In our grief we are all eager to talk about her. They are very touched that I have called. They tell me they held a memorial service for her and many people came, but none of her recent friends. I am the only one to contact them. I am embarrassed for us. I don't yet know the extent of the craziness of the Weathermen, but I already know none of them will call; they are terrified the FBI will find them.

What her mother wants most to know is why: Why did this happen? Why was her daughter there? Of course I have no answers. I try to tell them how I met Diana, what we did together, but that was years ago. Since then, I had watched that group of people dissolve themselves into nuttiness and violence: an inchoate cult. There is no way I am going to inflict that on these grieving people. How can I tell them about mandatory group sex, about the lessons on how to kill police dogs?

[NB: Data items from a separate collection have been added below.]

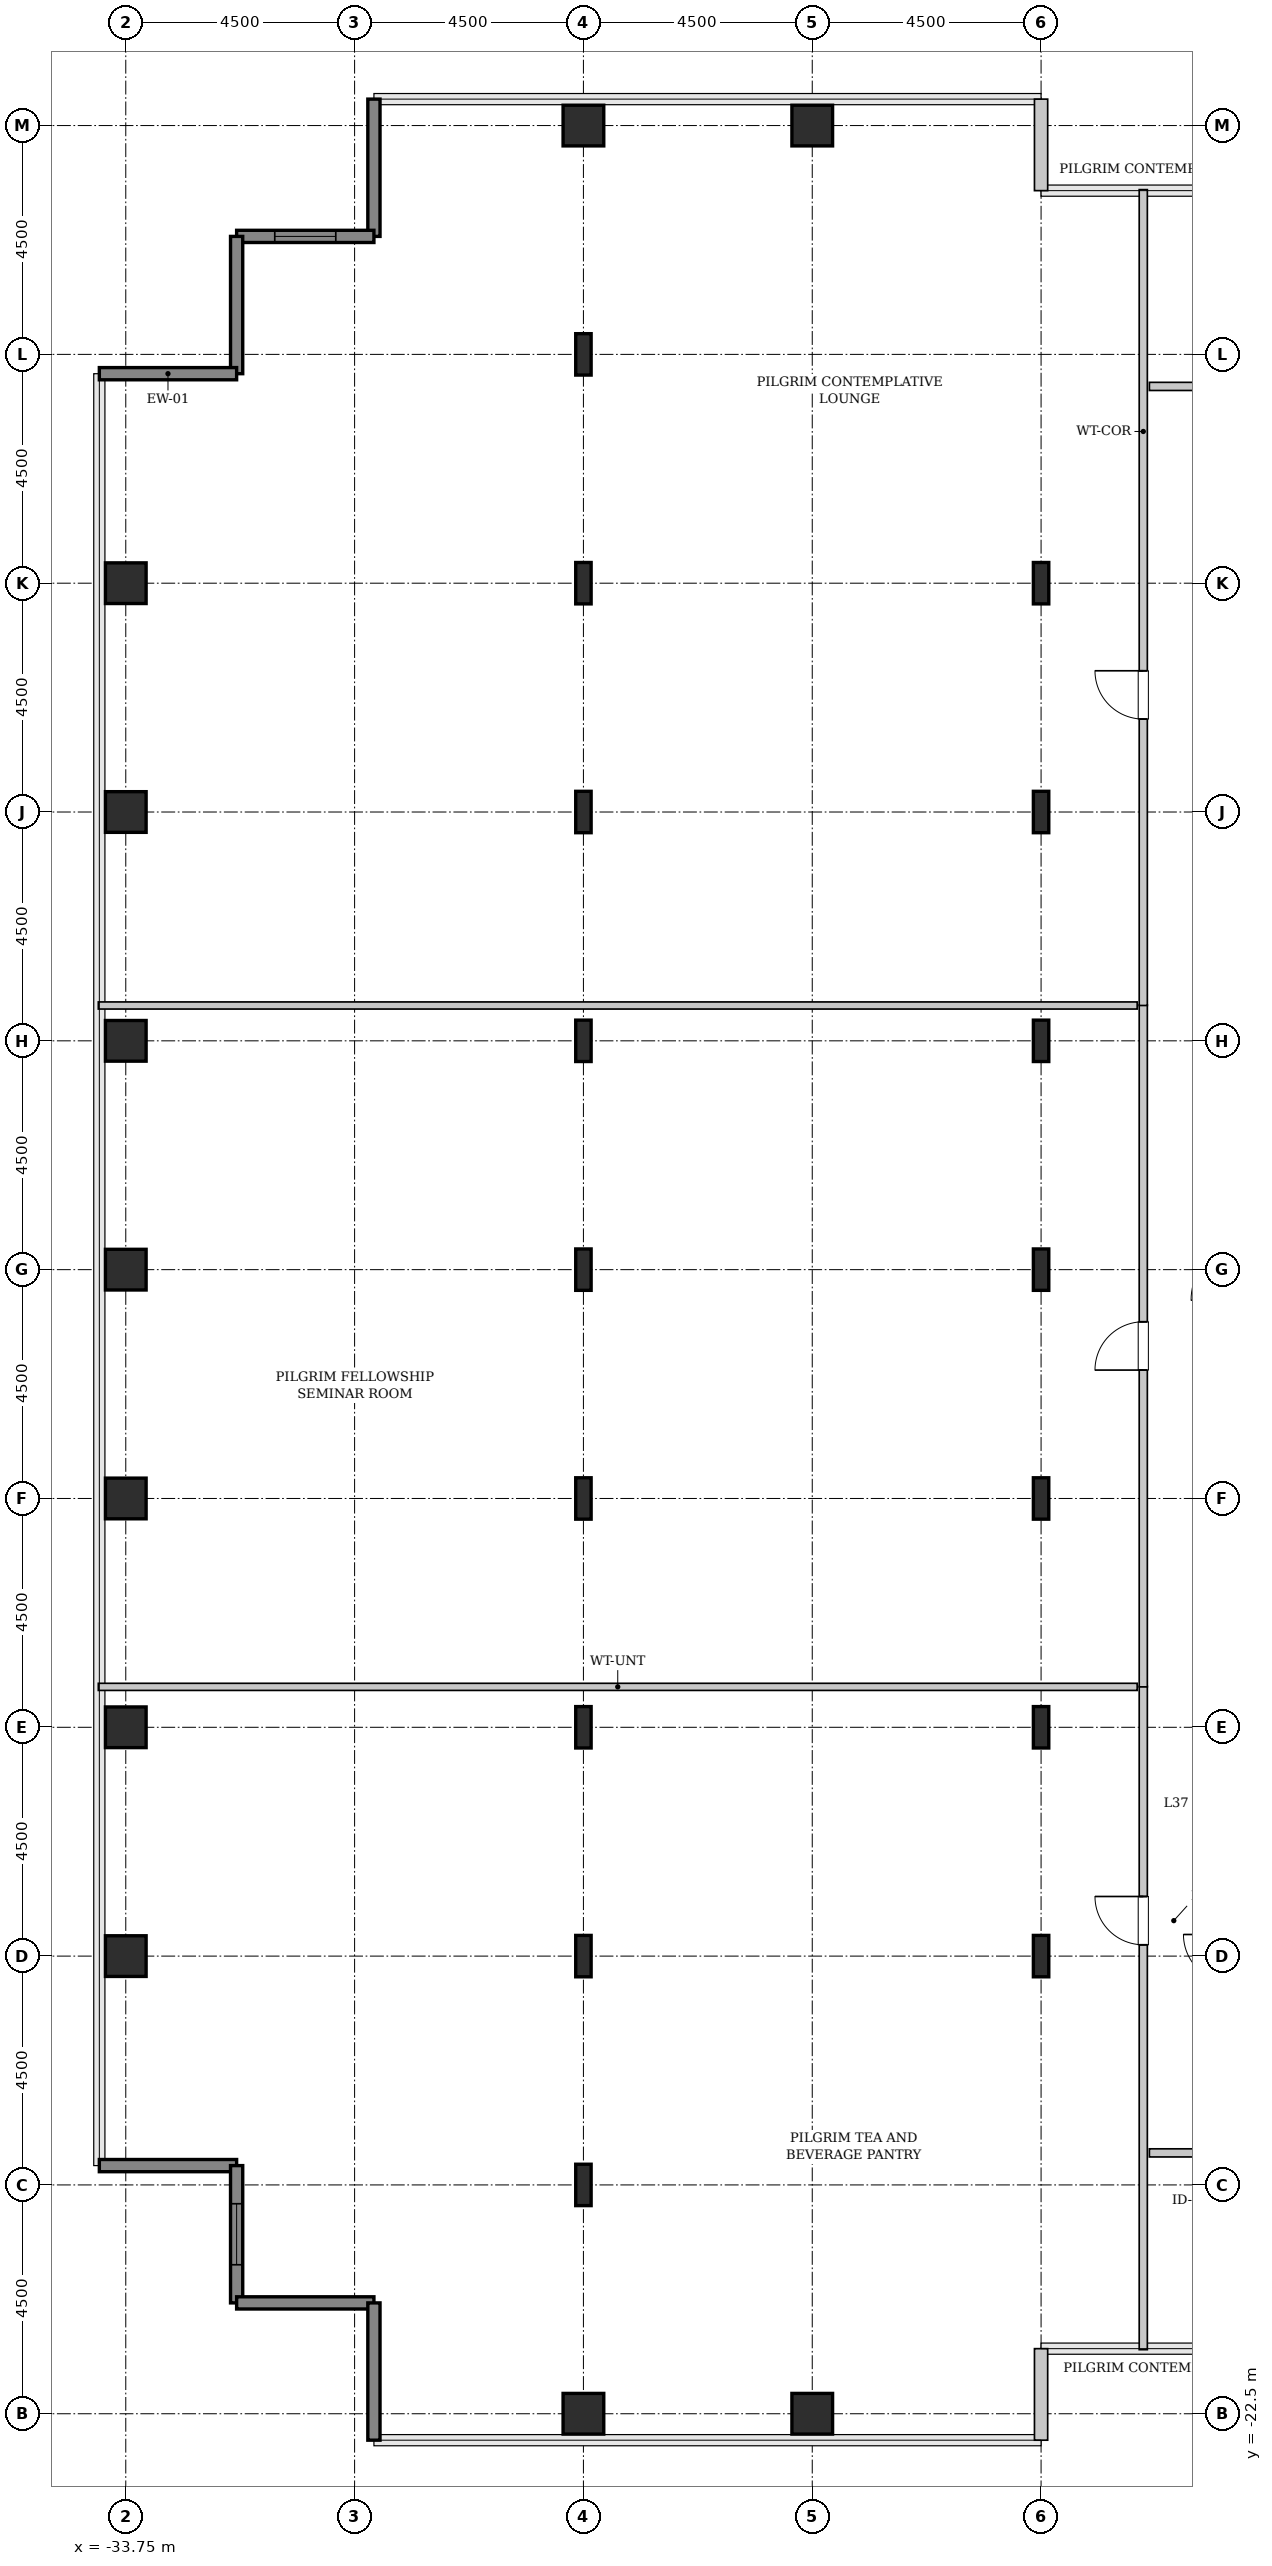
"""IFC4 building model, lengths in metres.
Left out: names, types, materials, properties, quantities, classifications, styles, units other than length and angle.
Written with IfcOpenShell. Run it as: python <this file> out.ifc"""

import sys

from ifc_helpers import new_model, si_unit, direction, frame, frame_2d, origin, origin_2d, place, context, subcontext, project, spatial, rectangle, hollow_rectangle, i_section, extrude, source, transform, mapped, element, fill, save


model = new_model("IFC4")
c1 = context("Model", 3, precision=1e-05, world=origin(), true_north=direction((0.0, 1.0)))
c2 = subcontext(c1, "Body", "Model", "MODEL_VIEW")
j1 = project(units=[si_unit("LENGTHUNIT", "METRE"), si_unit("PLANEANGLEUNIT", "RADIAN")], contexts=[c1])
p1 = place(None, origin())
s1 = spatial("IfcSite", under=j1, at=p1, CompositionType="ELEMENT")
p2 = place(p1, origin())
s2 = spatial("IfcBuilding", under=s1, at=p2, CompositionType="ELEMENT")
p3 = place(p2, frame((0.0, 0.0, 152.6)))
s3 = spatial("IfcBuildingStorey", under=s2, at=p3, CompositionType="ELEMENT", Elevation=152.6)
m1 = source(origin(), c2, "Body", "SweptSolid", [
    extrude(hollow_rectangle(XDim=0.8, YDim=0.8, WallThickness=0.04, InnerFilletRadius=0.04, OuterFilletRadius=0.08, at=origin_2d()), origin(), (0.0, 0.0, 1.0), 3.8),
])
for number, where, z_axis, x_axis in (
    (1, (-33.75, -13.5, 0.0), (0.0, 0.0, 1.0), (1.0, 0.0, 0.0)),
    (2, (-33.75, -9.0, 0.0), (0.0, 0.0, 1.0), (1.0, 0.0, 0.0)),
    (3, (-33.75, -4.5, 0.0), (0.0, 0.0, 1.0), (1.0, 0.0, 0.0)),
    (4, (-33.75, 0.0, 0.0), (0.0, 0.0, 1.0), (1.0, 0.0, 0.0)),
    (5, (-33.75, 4.5, 0.0), (0.0, 0.0, 1.0), (1.0, 0.0, 0.0)),
    (6, (-33.75, 9.0, 0.0), (0.0, 0.0, 1.0), (1.0, 0.0, 0.0)),
    (7, (-33.75, 13.5, 0.0), (0.0, 0.0, 1.0), (1.0, 0.0, 0.0)),
    (8, (-24.75, -22.5, 0.0), (0.0, 0.0, 1.0), (1.0, 0.0, 0.0)),
):
    element("IfcColumn", number, at=place(p3, frame(where, z_axis=z_axis, x_axis=x_axis)), inside=s3, PredefinedType="COLUMN", context=c2, shape_type="MappedRepresentation", body=[
        mapped(m1, transform((0.0, 0.0, 0.0), x_axis=(1.0, 0.0, 0.0), y_axis=(0.0, 1.0, 0.0), z_axis=(0.0, 0.0, 1.0), scale=1.0)),
    ])
m2 = source(origin(), c2, "Body", "SweptSolid", [
    extrude(i_section(OverallWidth=0.303, OverallDepth=0.814, WebThickness=0.021, FlangeThickness=0.04, FilletRadius=0.03, at=origin_2d()), origin(), (0.0, 0.0, 1.0), 3.8),
])
for number, where, z_axis, x_axis in (
    (9, (-24.75, -18.0, 0.0), (0.0, 0.0, 1.0), (1.0, 0.0, 0.0)),
    (10, (-24.75, -13.5, 0.0), (0.0, 0.0, 1.0), (1.0, 0.0, 0.0)),
    (11, (-24.75, -9.0, 0.0), (0.0, 0.0, 1.0), (1.0, 0.0, 0.0)),
    (12, (-24.75, -4.5, 0.0), (0.0, 0.0, 1.0), (1.0, 0.0, 0.0)),
    (13, (-24.75, 0.0, 0.0), (0.0, 0.0, 1.0), (1.0, 0.0, 0.0)),
    (14, (-24.75, 4.5, 0.0), (0.0, 0.0, 1.0), (1.0, 0.0, 0.0)),
    (15, (-24.75, 9.0, 0.0), (0.0, 0.0, 1.0), (1.0, 0.0, 0.0)),
    (16, (-24.75, 13.5, 0.0), (0.0, 0.0, 1.0), (1.0, 0.0, 0.0)),
    (17, (-24.75, 18.0, 0.0), (0.0, 0.0, 1.0), (1.0, 0.0, 0.0)),
):
    element("IfcColumn", number, at=place(p3, frame(where, z_axis=z_axis, x_axis=x_axis)), inside=s3, PredefinedType="COLUMN", context=c2, shape_type="MappedRepresentation", body=[
        mapped(m2, transform((0.0, 0.0, 0.0), x_axis=(1.0, 0.0, 0.0), y_axis=(0.0, 1.0, 0.0), z_axis=(0.0, 0.0, 1.0), scale=1.0)),
    ])
for number, where, z_axis, x_axis in (
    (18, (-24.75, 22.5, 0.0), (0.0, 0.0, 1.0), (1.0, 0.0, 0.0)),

I stand between two worlds, lost for words, when her mother bursts out: "It was Bill, wasn't it? It was Bill! He led her into this, didn't he? It was Bill."

Although it isn't that simple, it also is that simple. "Yes," I reply. "It was Bill."

For several years after Diana died, a friend from the school and I got together on March 6. We met in a booth in the basement of the Blind Pig, ordered cappuccinos, and held a private service of remembrance. It felt vital to keep her memory alive, to not lose all that love and light she had brought us.

Even now, my memories of Diana return each year when the days get gray and slushy. I see her smile, hear her laugh again, and feel my spirits lift as in spring's returning sun. This February I drove to Williamston to meet that same friend in a small restaurant overlooking a river--a beautiful place for our fortieth-year memorial.

That sharp, searing, stinging pain of her death is just as bad as it was at first, but it now lasts only minutes. Mostly we are happy at having even just this much of Diana--these memories--still active in our lives. We talk about little things, funny things, and difficult things. As always, we each recall something the other had not known, details of an era that we can neither forget nor fully remember.

Survivors of the Weathermen have published theories about what went wrong in that Manhattan townhouse. They've suggested that the bomb-makers grew careless, or even that Diana, concerned about killing innocent people, chose to kill the bomb-makers instead.

I tell my friend about a dream of Diana that came to me a few months after the explosion. Wanting to understand what had happened, in the dream I begged Diana for an explanation. She laughed ruefully, saying that they had put some of the bomb-making materials too close to a heat register. Nothing dramatic, just something small and stupid. And then she was gone, leaving the lightest scent of her natural fragrance, which still lingers.

My friend and I agree that it doesn't matter whether the dream was true. Because there is absolutely nothing about Diana's death that could have been real, except that they found a tiny piece of her little finger.    (end of article)


On April 2, 2010, Sara Seidel Buckley wrote:
I, too, knew Diana in 1967 and 1968, mainly times when she and Bill came to SDS meetings. But she always talked about the school. I was in the group that argued against the Weathermen and was so angry at their "political" positions which as we came to know had far-reaching consequences. To be honest, just like you, whenever I think and/or hear about Bill in the years since Ann Arbor, I become very angry. What a waste for the beautiful person Diana was!

Thank you for sharing your memories.